There are two marriage certificates and one birth certificate.
Outside of the handwritten description of the father of the baby having a nationality of "Palestinian," none of these documents, issued by the Hashemite Kingdom of Jordan, say anything about Palestine.
There is also a pair of passports issued in 1946. They don't say "Passport of Palestine." They say "British Passport - Palestine" and there is Hebrew inside along with Arabic.
This same museum proudly shows a 1938 National Geographic map of the Middle East called "Bible Lands" that uses "Palestine" as a clear English translation of Eretz Yisrael, but the museum considers this "proof" that there was a nation called Palestine. But that is a map that had no official function. Every document in the museum from a government proves that there was no such nation.

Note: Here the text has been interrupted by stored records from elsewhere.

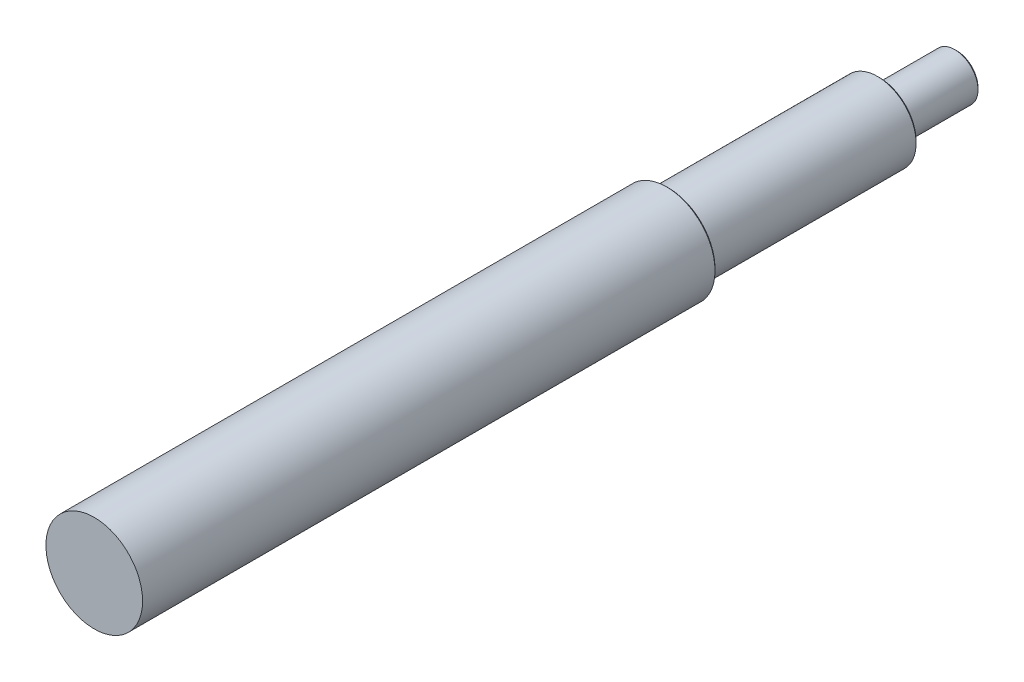
SolidWorks part; units mm, degrees
material "AISI 1045 钢，冷拔"
ref_plane "前视基准面" through (0, 0, 0) normal (0, 0, 1) x (1, 0, 0)
ref_plane "上视基准面" through (0, 0, 0) normal (0, 1, 0) x (1, 0, 0)
ref_plane "右视基准面" through (0, 0, 0) normal (1, 0, 0) x (0, 0, -1)
sketch "草图1" plane through (0, 0, 0) normal (0, 0, 1) x (1, 0, 0)
  circle A0 centre (0, 0) radius 25
  dimension "D1" = 50
extrude "凸台-拉伸1" add sketch "草图1" along normal blind 100 and the other way blind 346
ref_plane "基准面1" through (0, 0, -306) normal (0, 0, -1) x (-1, 0, 0)
sketch "草图2" plane through (0, 0, -306) normal (0, 0, -1) x (-1, 0, 0)
  circle A0 centre (0, 0) radius 25
  circle A1 centre (0, 0) radius 20
extrude "切除-拉伸1" cut sketch "草图2" against normal blind 109
sketch "草图3" plane through (0, 0, -346) normal (0, 0, -1) x (-1, 0, 0)
  circle A0 centre (0, 0) radius 25
  circle A1 centre (0, 0) radius 12
extrude "切除-拉伸2" cut sketch "草图3" against normal blind 40
cosmetic thread "装饰螺纹线1" parameters "D2"=22
chamfer "倒角1" distance 1 angle 45 3 edges at (-12, 0, -346) (-20, 0, -306) (-25, 0, -197)

Why would a museum of the Palestinian people show paperwork that contradicts the idea of a Palestinian nation? And what happened to the parts of Palestine under Jordanian control in 1949?
Palestinians accuse Israel of erasing their Palestinian nationality from before 1948, but....what about Jordan? We see that Jordan did not call keep any vestige of "Palestine" in the areas it illegally annexed. Jordan literally erased Palestine. Why did no Palestinian Arab protest about this?
Yet it appears that Jordan did maintain records of which citizens came from Palestine and who did not - with the aim of potentially disenfranchising the Palestinians by forcibly "returning" them to a Palestine that never existed. Moreover, the family that donated these documents were never refugees - the father was born in Nablus in the 1930s.
The museum documentation doesn't mention any of this, of course. Because it isn't interested in the real history of the Palestinian people, a people created in the 1960s purely to paint Israel as a Goliath. The museum's entire purpose is to delegitimize Israel by not only placing all the blame of the Palestinian "diaspora" on Israel, but also in erasing the entire Jewish history in the Levant as it carefully curates pottery and artwork to avoid any mention of any Jewish presence on the Land.
A careful look at the "Museum of the Palestinian People" shows that there was never a Palestine.